This research demonstrates that Falco, Tracee, and Tetragon, the three widely deployed eBPF-based security monitors, store their runtime state in BPF maps that are writable by any process with CAP_BPF capability. Since the Linux kernel lacks per-map access control and these tools do not employ hardening primitives like bpf_map_freeze or runtime integrity verification, a same-privilege attacker can modify these maps to suppress all security telemetry silently. Empirical tests showed 100% event suppression with no errors or health check failures, effectively disabling the monitors while they continue running normally. The vulnerability requires CAP_BPF, which is privileged but realistically obtainable in post-exploitation scenarios such as container escapes or kernel privilege escalations. Mitigation strategies include applying bpf_map_freeze on static maps, implementing periodic integrity checks, restricting CAP_BPF access, and auditing bpf() syscalls. Kernel-level fixes do not currently exist, making this an architectural issue in the Linux BPF subsystem.

An attacker with CAP_BPF capability can silently disable the three major eBPF security monitors by poisoning their BPF maps, resulting in complete suppression of security event detection without triggering errors, logs, or health check failures. This creates a blind spot in security monitoring, allowing malicious activity to go undetected despite the monitors appearing healthy and operational. The vulnerability affects environments where CAP_BPF is accessible, typically after container escapes, kernel privilege escalations, or in misconfigured Kubernetes workloads. There are no known exploits in the wild at this time.

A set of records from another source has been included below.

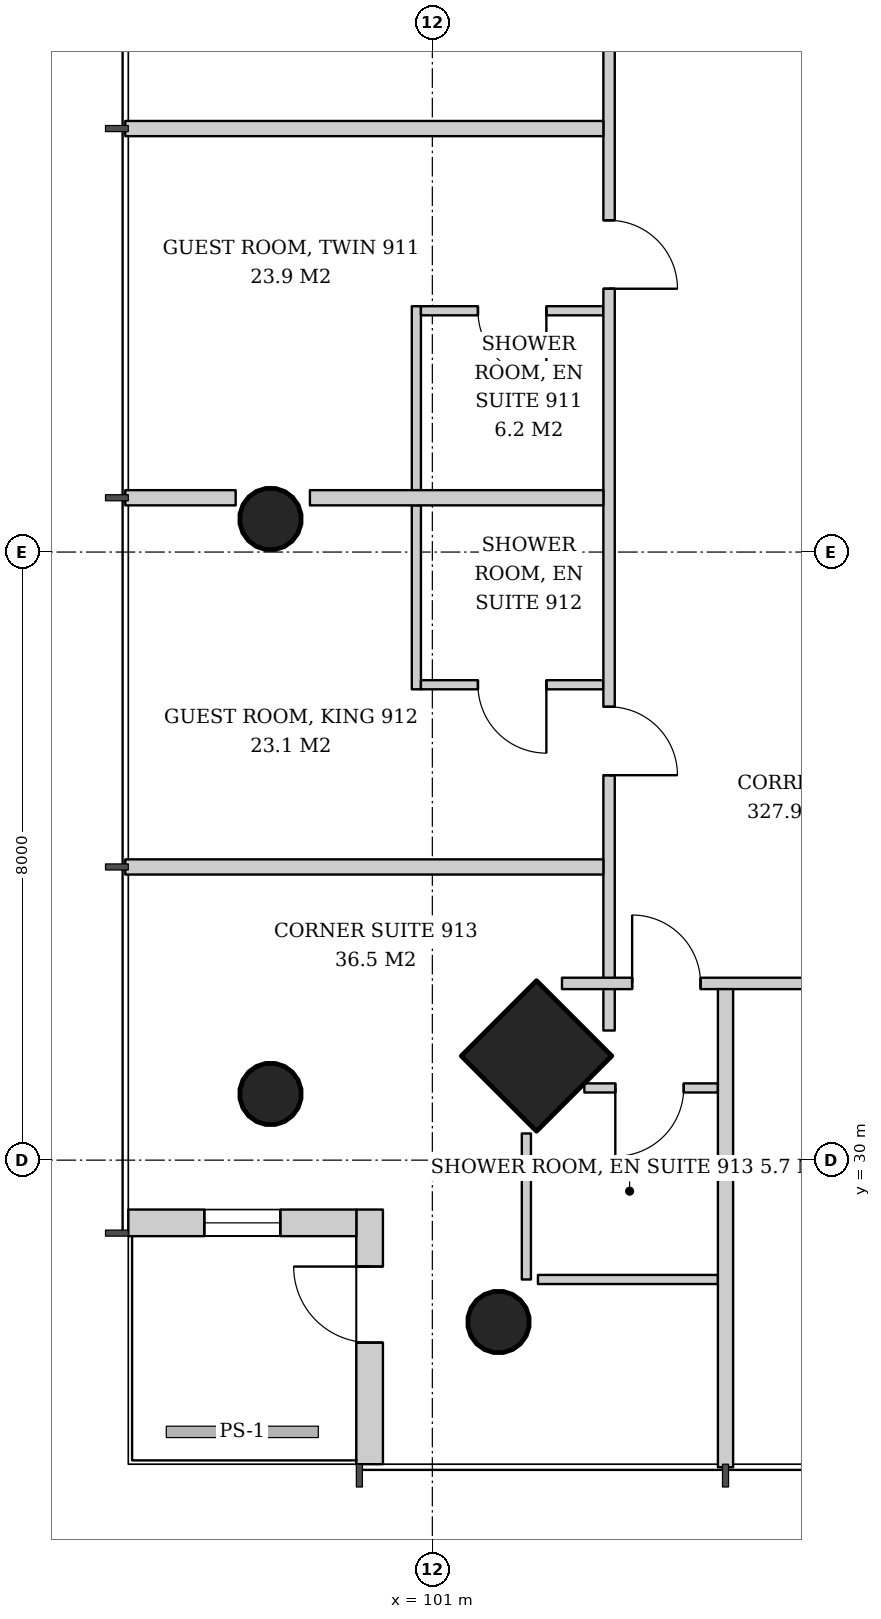
"""IFC4 building model, lengths in metres.
Left out: names, types, materials, properties, quantities, classifications, styles, units other than length and angle.
Written with IfcOpenShell. Run it as: python <this file> out.ifc"""

import sys

from ifc_helpers import new_model, si_unit, direction, frame, frame_2d, origin, origin_2d, place, context, subcontext, project, spatial, rectangle, hollow_circle, extrude, element, fill, save


model = new_model("IFC4")
c1 = context("Model", 3, precision=1e-05, world=origin(), true_north=direction((0.0, 1.0)))
c2 = subcontext(c1, "Body", "Model", "MODEL_VIEW")
j1 = project(units=[si_unit("LENGTHUNIT", "METRE"), si_unit("PLANEANGLEUNIT", "RADIAN")], contexts=[c1])
p1 = place(None, origin())
s1 = spatial("IfcSite", under=j1, at=p1, CompositionType="ELEMENT")
p2 = place(p1, origin())
s2 = spatial("IfcBuilding", under=s1, at=p2, CompositionType="ELEMENT")
p3 = place(p2, frame((0.0, 0.0, 40.0)))
s3 = spatial("IfcBuildingStorey", under=s2, at=p3, CompositionType="ELEMENT", Elevation=40.0)
p4 = place(p3, frame((102.319, 31.319, 0.0), z_axis=(0.043029647111, 0.043029647111, 0.998146732169), x_axis=(-0.707106781187, 0.707106781187, 0.0)))
e1 = element("IfcColumn", 1, at=p4, inside=s3, PredefinedType="COLUMN", context=c2, shape_type="SweptSolid", body=[
    extrude(rectangle(XDim=1.4, YDim=1.4, at=origin_2d()), origin(), (0.0, 0.0, 1.0), 3.807),
])
p5 = place(p3, frame((98.819, 30.819, 0.0), z_axis=(0.043029647111, 0.043029647111, 0.998146732169), x_axis=(-0.707106781187, 0.707106781187, 0.0)))
e2 = element("IfcColumn", 2, at=p5, inside=s3, PredefinedType="COLUMN", context=c2, shape_type="SweptSolid", body=[
    extrude(hollow_circle(Radius=0.406, WallThickness=0.03, at=origin_2d()), origin(), (0.0, 0.0, 1.0), 3.807),
])
p6 = place(p3, frame((98.819, 38.409, 0.0), z_axis=(0.043059525333, 0.021561848751, 0.998839808957), x_axis=(-0.44774654769, 0.894160516368, 0.0)))
e3 = element("IfcColumn", 3, at=p6, inside=s3, PredefinedType="COLUMN", context=c2, shape_type="SweptSolid", body=[
    extrude(hollow_circle(Radius=0.406, WallThickness=0.03, at=origin_2d()), origin(), (0.0, 0.0, 1.0), 3.804),
])
p7 = place(p3, frame((101.819, 27.819, 0.0), z_axis=(0.043029647111, 0.043029647111, 0.998146732169), x_axis=(-0.707106781187, 0.707106781187, 0.0)))
e4 = element("IfcColumn", 4, at=p7, inside=s3, PredefinedType="COLUMN", context=c2, shape_type="SweptSolid", body=[
    extrude(hollow_circle(Radius=0.406, WallThickness=0.03, at=origin_2d()), origin(), (0.0, 0.0, 1.0), 3.807),
])
p8 = place(p3, frame((100.175, 26.0, 0.0), z_axis=(0.0, 0.0, 1.0), x_axis=(0.0, 1.0, 0.0)))
e5 = element("IfcWall", 5, at=p8, inside=s3, PredefinedType="SOLIDWALL", context=c2, shape_type="SweptSolid", body=[
    extrude(rectangle(XDim=3.35, YDim=0.35, at=frame_2d((1.675, 0.0))), origin(), (0.0, 0.0, 1.0), 3.6),
])
p9 = place(p8, frame((1.6, 0.0, 0.0)))
e6 = element("IfcOpeningElement", 6, at=p9, cuts=e5, PredefinedType="OPENING", context=c2, shape_type="SweptSolid", body=[
    extrude(rectangle(XDim=1.0, YDim=2.4, at=frame_2d((0.5, 1.2))), frame((0.0, 0.185, 0.0), z_axis=(0.0, -1.0, 0.0), x_axis=(1.0, 0.0, 0.0)), (0.0, 0.0, 1.0), 0.37),
])
p10 = place(p3, frame((100.0, 29.175, 0.0), z_axis=(0.0, 0.0, 1.0), x_axis=(-1.0, 0.0, 0.0)))
e7 = element("IfcWall", 7, at=p10, inside=s3, PredefinedType="SOLIDWALL", context=c2, shape_type="SweptSolid", body=[
    extrude(rectangle(XDim=3.0, YDim=0.35, at=frame_2d((1.5, 0.0))), origin(), (0.0, 0.0, 1.0), 3.6),
])
p11 = place(p10, frame((1.0, 0.0, 0.9)))
e8 = element("IfcOpeningElement", 8, at=p11, cuts=e7, PredefinedType="OPENING", context=c2, shape_type="SweptSolid", body=[
    extrude(rectangle(XDim=1.0, YDim=2.4, at=frame_2d((0.5, 1.2))), frame((0.0, 0.185, 0.0), z_axis=(0.0, -1.0, 0.0), x_axis=(1.0, 0.0, 0.0)), (0.0, 0.0, 1.0), 0.37),
])
p12 = place(p3, frame((100.79, 41.234, 0.0), z_axis=(0.0, 0.0, 1.0), x_axis=(0.0, -1.0, 0.0)))
e9 = element("IfcWall", 9, at=p12, inside=s3, PredefinedType="PARTITIONING", context=c2, shape_type="SweptSolid", body=[
    extrude(rectangle(XDim=2.42, YDim=0.12, at=frame_2d((1.21, 0.0))), origin(), (0.0, 0.0, 1.0), 3.6),
])
p13 = place(p3, frame((103.25, 41.174, 0.0), z_axis=(0.0, 0.0, 1.0), x_axis=(-1.0, 0.0, 0.0)))
e10 = element("IfcWall", 10, at=p13, inside=s3, PredefinedType="PARTITIONING", context=c2, shape_type="SweptSolid", body=[
    extrude(rectangle(XDim=2.4, YDim=0.12, at=frame_2d((1.2, 0.0))), origin(), (0.0, 0.0, 1.0), 3.6),
])
p14 = place(p13, frame((0.75, 0.0, 0.0)))
e11 = element("IfcOpeningElement", 11, at=p14, cuts=e10, PredefinedType="OPENING", context=c2, shape_type="SweptSolid", body=[
    extrude(rectangle(XDim=0.9, YDim=2.1, at=frame_2d((0.45, 1.05))), frame((0.0, 0.07, 0.0), z_axis=(0.0, -1.0, 0.0), x_axis=(1.0, 0.0, 0.0)), (0.0, 0.0, 1.0), 0.14),
])
p15 = place(p3, frame((100.79, 38.614, 0.0), z_axis=(0.0, 0.0, 1.0), x_axis=(0.0, -1.0, 0.0)))
e12 = element("IfcWall", 12, at=p15, inside=s3, PredefinedType="PARTITIONING", context=c2, shape_type="SweptSolid", body=[
    extrude(rectangle(XDim=2.42, YDim=0.12, at=frame_2d((1.21, 0.0))), origin(), (0.0, 0.0, 1.0), 3.6),
])
p16 = place(p3, frame((103.25, 36.254, 0.0), z_axis=(0.0, 0.0, 1.0), x_axis=(-1.0, 0.0, 0.0)))
e13 = element("IfcWall", 13, at=p16, inside=s3, PredefinedType="PARTITIONING", context=c2, shape_type="SweptSolid", body=[
    extrude(rectangle(XDim=2.4, YDim=0.12, at=frame_2d((1.2, 0.0))), origin(), (0.0, 0.0, 1.0), 3.6),
])
p17 = place(p16, frame((0.75, 0.0, 0.0)))
e14 = element("IfcOpeningElement", 14, at=p17, cuts=e13, PredefinedType="OPENING", context=c2, shape_type="SweptSolid", body=[
    extrude(rectangle(XDim=0.9, YDim=2.1, at=frame_2d((0.45, 1.05))), frame((0.0, 0.07, 0.0), z_axis=(0.0, -1.0, 0.0), x_axis=(1.0, 0.0, 0.0)), (0.0, 0.0, 1.0), 0.14),
])
p18 = place(p3, frame((103.325, 60.294, 0.0), z_axis=(0.0, 0.0, 1.0), x_axis=(0.0, -1.0, 0.0)))
e15 = element("IfcWall", 15, at=p18, inside=s3, PredefinedType="PARTITIONING", context=c2, shape_type="SweptSolid", body=[
    extrude(rectangle(XDim=28.589, YDim=0.15, at=frame_2d((14.294, 0.0))), origin(), (0.0, 0.0, 1.0), 2.8),
])
p19 = place(p18, frame((0.923, 0.0, 0.0)))
e16 = element("IfcOpeningElement", 16, at=p19, cuts=e15, PredefinedType="OPENING", context=c2, shape_type="SweptSolid", body=[
    extrude(rectangle(XDim=0.9, YDim=2.1, at=frame_2d((0.45, 1.05))), frame((0.0, 0.085, 0.0), z_axis=(0.0, -1.0, 0.0), x_axis=(1.0, 0.0, 0.0)), (0.0, 0.0, 1.0), 0.17),
])
p20 = place(p18, frame((4.852, 0.0, 0.0)))
e17 = element("IfcOpeningElement", 17, at=p20, cuts=e15, PredefinedType="OPENING", context=c2, shape_type="SweptSolid", body=[
    extrude(rectangle(XDim=1.0, YDim=2.1, at=frame_2d((0.5, 1.05))), frame((0.0, 0.085, 0.0), z_axis=(0.0, -1.0, 0.0), x_axis=(1.0, 0.0, 0.0)), (0.0, 0.0, 1.0), 0.17),
])
p21 = place(p18, frame((9.759, 0.0, 0.0)))
e18 = element("IfcOpeningElement", 18, at=p21, cuts=e15, PredefinedType="OPENING", context=c2, shape_type="SweptSolid", body=[
    extrude(rectangle(XDim=0.9, YDim=2.1, at=frame_2d((0.45, 1.05))), frame((0.0, 0.085, 0.0), z_axis=(0.0, -1.0, 0.0), x_axis=(1.0, 0.0, 0.0)), (0.0, 0.0, 1.0), 0.17),
])
p22 = place(p18, frame((17.93, 0.0, 0.0)))
e19 = element("IfcOpeningElement", 19, at=p22, cuts=e15, PredefinedType="OPENING", context=c2, shape_type="SweptSolid", body=[
    extrude(rectangle(XDim=0.9, YDim=2.1, at=frame_2d((0.45, 1.05))), frame((0.0, 0.085, 0.0), z_axis=(0.0, -1.0, 0.0), x_axis=(1.0, 0.0, 0.0)), (0.0, 0.0, 1.0), 0.17),
])
p23 = place(p18, frame((24.33, 0.0, 0.0)))
e20 = element("IfcOpeningElement", 20, at=p23, cuts=e15, PredefinedType="OPENING", context=c2, shape_type="SweptSolid", body=[
    extrude(rectangle(XDim=0.9, YDim=2.1, at=frame_2d((0.45, 1.05))), frame((0.0, 0.085, 0.0), z_axis=(0.0, -1.0, 0.0), x_axis=(1.0, 0.0, 0.0)), (0.0, 0.0, 1.0), 0.17),
])
p24 = place(p3, frame((103.25, 43.572, 0.0), z_axis=(0.0, 0.0, 1.0), x_axis=(-1.0, 0.0, 0.0)))
e21 = element("IfcWall", 21, at=p24, inside=s3, PredefinedType="PARTITIONING", context=c2, shape_type="SweptSolid", body=[
    extrude(rectangle(XDim=6.29, YDim=0.2, at=frame_2d((3.145, 0.0))), origin(), (0.0, 0.0, 1.0), 3.05),
])
p25 = place(p3, frame((103.25, 38.714, 0.0), z_axis=(0.0, 0.0, 1.0), x_axis=(-1.0, 0.0, 0.0)))
e22 = element("IfcWall", 22, at=p25, inside=s3, PredefinedType="PARTITIONING", context=c2, shape_type="SweptSolid", body=[
    extrude(rectangle(XDim=3.861, YDim=0.2, at=frame_2d((1.93, 0.0))), origin(), (0.0, 0.0, 1.0), 3.6),
])
p26 = place(p3, frame((98.412, 38.714, 0.0), z_axis=(0.0, 0.0, 1.0), x_axis=(-1.0, 0.0, 0.0)))
e23 = element("IfcWall", 23, at=p26, inside=s3, PredefinedType="PARTITIONING", context=c2, shape_type="SweptSolid", body=[
    extrude(rectangle(XDim=1.452, YDim=0.2, at=frame_2d((0.726, 0.0))), origin(), (0.0, 0.0, 1.0), 3.6),
])
p27 = place(p3, frame((103.25, 33.857, 0.0), z_axis=(0.0, 0.0, 1.0), x_axis=(-1.0, 0.0, 0.0)))
e24 = element("IfcWall", 24, at=p27, inside=s3, PredefinedType="PARTITIONING", context=c2, shape_type="SweptSolid", body=[
    extrude(rectangle(XDim=6.29, YDim=0.2, at=frame_2d((3.145, 0.0))), origin(), (0.0, 0.0, 1.0), 3.05),
])
p28 = place(p3, frame((104.757, 30.95, 0.0), z_axis=(0.0, 0.0, 1.0), x_axis=(-1.0, 0.0, 0.0)))
e25 = element("IfcWall", 25, at=p28, inside=s3, PredefinedType="PARTITIONING", context=c2, shape_type="SweptSolid", body=[
    extrude(rectangle(XDim=1.757, YDim=0.12, at=frame_2d((0.878, 0.0))), origin(), (0.0, 0.0, 1.0), 3.6),
])
p29 = place(p28, frame((0.45, 0.0, 0.0)))
e26 = element("IfcOpeningElement", 26, at=p29, cuts=e25, PredefinedType="OPENING", context=c2, shape_type="SweptSolid", body=[
    extrude(rectangle(XDim=0.9, YDim=2.1, at=frame_2d((0.45, 1.05))), frame((0.0, 0.07, 0.0), z_axis=(0.0, -1.0, 0.0), x_axis=(1.0, 0.0, 0.0)), (0.0, 0.0, 1.0), 0.14),
])
p30 = place(p3, frame((104.757, 28.43, 0.0), z_axis=(0.0, 0.0, 1.0), x_axis=(-1.0, 0.0, 0.0)))
e27 = element("IfcWall", 27, at=p30, inside=s3, PredefinedType="PARTITIONING", context=c2, shape_type="SweptSolid", body=[
    extrude(rectangle(XDim=2.368, YDim=0.12, at=frame_2d((1.184, 0.0))), origin(), (0.0, 0.0, 1.0), 3.6),
])
p31 = place(p3, frame((102.237, 30.351, 0.0), z_axis=(0.0, 0.0, 1.0), x_axis=(0.0, -1.0, 0.0)))
e28 = element("IfcWall", 28, at=p31, inside=s3, PredefinedType="PARTITIONING", context=c2, shape_type="SweptSolid", body=[
    extrude(rectangle(XDim=1.921, YDim=0.12, at=frame_2d((0.96, 0.0))), origin(), (0.0, 0.0, 1.0), 3.2),
])
p32 = place(p3, frame((102.706, 32.325, 0.0), z_axis=(0.0, 0.0, 1.0), x_axis=(1.0, 0.0, 0.0)))
e29 = element("IfcWall", 29, at=p32, inside=s3, PredefinedType="PARTITIONING", context=c2, shape_type="SweptSolid", body=[
    extrude(rectangle(XDim=28.589, YDim=0.15, at=frame_2d((14.294, 0.0))), origin(), (0.0, 0.0, 1.0), 2.8),
])
p33 = place(p32, frame((0.923, 0.0, 0.0)))
e30 = element("IfcOpeningElement", 30, at=p33, cuts=e29, PredefinedType="OPENING", context=c2, shape_type="SweptSolid", body=[
    extrude(rectangle(XDim=0.9, YDim=2.1, at=frame_2d((0.45, 1.05))), frame((0.0, 0.085, 0.0), z_axis=(0.0, -1.0, 0.0), x_axis=(1.0, 0.0, 0.0)), (0.0, 0.0, 1.0), 0.17),
])
p34 = place(p32, frame((3.359, 0.0, 0.0)))
e31 = element("IfcOpeningElement", 31, at=p34, cuts=e29, PredefinedType="OPENING", context=c2, shape_type="SweptSolid", body=[
    extrude(rectangle(XDim=0.9, YDim=2.1, at=frame_2d((0.45, 1.05))), frame((0.0, 0.085, 0.0), z_axis=(0.0, -1.0, 0.0), x_axis=(1.0, 0.0, 0.0)), (0.0, 0.0, 1.0), 0.17),
])
p35 = place(p32, frame((9.759, 0.0, 0.0)))
e32 = element("IfcOpeningElement", 32, at=p35, cuts=e29, PredefinedType="OPENING", context=c2, shape_type="SweptSolid", body=[
    extrude(rectangle(XDim=0.9, YDim=2.1, at=frame_2d((0.45, 1.05))), frame((0.0, 0.085, 0.0), z_axis=(0.0, -1.0, 0.0), x_axis=(1.0, 0.0, 0.0)), (0.0, 0.0, 1.0), 0.17),
])
p36 = place(p32, frame((13.073, 0.0, 0.0)))
e33 = element("IfcOpeningElement", 33, at=p36, cuts=e29, PredefinedType="OPENING", context=c2, shape_type="SweptSolid", body=[
    extrude(rectangle(XDim=0.9, YDim=2.1, at=frame_2d((0.45, 1.05))), frame((0.0, 0.085, 0.0), z_axis=(0.0, -1.0, 0.0), x_axis=(1.0, 0.0, 0.0)), (0.0, 0.0, 1.0), 0.17),
])
p37 = place(p32, frame((19.473, 0.0, 0.0)))
e34 = element("IfcOpeningElement", 34, at=p37, cuts=e29, PredefinedType="OPENING", context=c2, shape_type="SweptSolid", body=[
    extrude(rectangle(XDim=0.9, YDim=2.1, at=frame_2d((0.45, 1.05))), frame((0.0, 0.085, 0.0), z_axis=(0.0, -1.0, 0.0), x_axis=(1.0, 0.0, 0.0)), (0.0, 0.0, 1.0), 0.17),
])
p38 = place(p32, frame((22.787, 0.0, 0.0)))
e35 = element("IfcOpeningElement", 35, at=p38, cuts=e29, PredefinedType="OPENING", context=c2, shape_type="SweptSolid", body=[
    extrude(rectangle(XDim=0.9, YDim=2.1, at=frame_2d((0.45, 1.05))), frame((0.0, 0.085, 0.0), z_axis=(0.0, -1.0, 0.0), x_axis=(1.0, 0.0, 0.0)), (0.0, 0.0, 1.0), 0.17),
])
p39 = place(p3, frame((104.857, 32.25, 0.0), z_axis=(0.0, 0.0, 1.0), x_axis=(0.0, -1.0, 0.0)))
e36 = element("IfcWall", 36, at=p39, inside=s3, PredefinedType="PARTITIONING", context=c2, shape_type="SweptSolid", body=[
    extrude(rectangle(XDim=6.29, YDim=0.2, at=frame_2d((3.145, 0.0))), origin(), (0.0, 0.0, 1.0), 3.05),
])
p40 = place(p9, origin())
e37 = element("IfcDoor", 37, at=p40, inside=s3, OperationType="SINGLE_SWING_RIGHT", PredefinedType="DOOR", context=c2, shape_type="SweptSolid", body=[
    extrude(rectangle(XDim=1.0, YDim=2.4, at=frame_2d((0.5, 1.2))), frame((0.0, 0.025, 0.0), z_axis=(0.0, -1.0, 0.0), x_axis=(1.0, 0.0, 0.0)), (0.0, 0.0, 1.0), 0.05),
])
fill(e6, e37)
p41 = place(p11, origin())
e38 = element("IfcWindow", 38, at=p41, inside=s3, PartitioningType="SINGLE_PANEL", PredefinedType="WINDOW", context=c2, shape_type="SweptSolid", body=[
    extrude(rectangle(XDim=1.0, YDim=2.4, at=frame_2d((0.5, 1.2))), frame((0.0, 0.03, 0.0), z_axis=(0.0, -1.0, 0.0), x_axis=(1.0, 0.0, 0.0)), (0.0, 0.0, 1.0), 0.06),
])
fill(e8, e38)
p42 = place(p14, origin())
e39 = element("IfcDoor", 39, at=p42, inside=s3, OperationType="SINGLE_SWING_LEFT", PredefinedType="DOOR", context=c2, shape_type="SweptSolid", body=[
    extrude(rectangle(XDim=0.9, YDim=2.1, at=frame_2d((0.45, 1.05))), frame((0.0, 0.025, 0.0), z_axis=(0.0, -1.0, 0.0), x_axis=(1.0, 0.0, 0.0)), (0.0, 0.0, 1.0), 0.05),
])
fill(e11, e39)
p43 = place(p17, origin())
e40 = element("IfcDoor", 40, at=p43, inside=s3, OperationType="SINGLE_SWING_LEFT", PredefinedType="DOOR", context=c2, shape_type="SweptSolid", body=[
    extrude(rectangle(XDim=0.9, YDim=2.1, at=frame_2d((0.45, 1.05))), frame((0.0, 0.025, 0.0), z_axis=(0.0, -1.0, 0.0), x_axis=(1.0, 0.0, 0.0)), (0.0, 0.0, 1.0), 0.05),
])
fill(e14, e40)
p44 = place(p22, origin())
e41 = element("IfcDoor", 41, at=p44, inside=s3, OperationType="SINGLE_SWING_RIGHT", PredefinedType="DOOR", context=c2, shape_type="SweptSolid", body=[
    extrude(rectangle(XDim=0.9, YDim=2.1, at=frame_2d((0.45, 1.05))), frame((0.0, 0.025, 0.0), z_axis=(0.0, -1.0, 0.0), x_axis=(1.0, 0.0, 0.0)), (0.0, 0.0, 1.0), 0.05),
])
fill(e19, e41)
p45 = place(p23, origin())
e42 = element("IfcDoor", 42, at=p45, inside=s3, OperationType="SINGLE_SWING_RIGHT", PredefinedType="DOOR", context=c2, shape_type="SweptSolid", body=[
    extrude(rectangle(XDim=0.9, YDim=2.1, at=frame_2d((0.45, 1.05))), frame((0.0, 0.025, 0.0), z_axis=(0.0, -1.0, 0.0), x_axis=(1.0, 0.0, 0.0)), (0.0, 0.0, 1.0), 0.05),
])
fill(e20, e42)
p46 = place(p29, origin())
e43 = element("IfcDoor", 43, at=p46, inside=s3, OperationType="SINGLE_SWING_RIGHT", PredefinedType="DOOR", context=c2, shape_type="SweptSolid", body=[
    extrude(rectangle(XDim=0.9, YDim=2.1, at=frame_2d((0.45, 1.05))), frame((0.0, 0.025, 0.0), z_axis=(0.0, -1.0, 0.0), x_axis=(1.0, 0.0, 0.0)), (0.0, 0.0, 1.0), 0.05),
])
fill(e26, e43)
p47 = place(p33, origin())
e44 = element("IfcDoor", 44, at=p47, inside=s3, OperationType="SINGLE_SWING_LEFT", PredefinedType="DOOR", context=c2, shape_type="SweptSolid", body=[
    extrude(rectangle(XDim=0.9, YDim=2.1, at=frame_2d((0.45, 1.05))), frame((0.0, 0.025, 0.0), z_axis=(0.0, -1.0, 0.0), x_axis=(1.0, 0.0, 0.0)), (0.0, 0.0, 1.0), 0.05),
])
fill(e30, e44)
save(model, sys.argv[1])

Patch status is not yet confirmed—check vendor advisories for updates. Currently, no official patches exist due to the architectural nature of the issue in the Linux BPF subsystem. Tool maintainers can mitigate risk by applying bpf_map_freeze() on configuration maps that do not change at runtime, implementing periodic map integrity verification, and using heartbeat canaries to detect tampering. Operators should restrict CAP_BPF capability distribution to minimize exposure and consider auditing bpf() syscall usage to detect unauthorized map modifications. Kernel-level mitigations such as per-map owner binding or BPF token scoping are not yet broadly available. These mitigations raise the bar but do not fully eliminate the risk.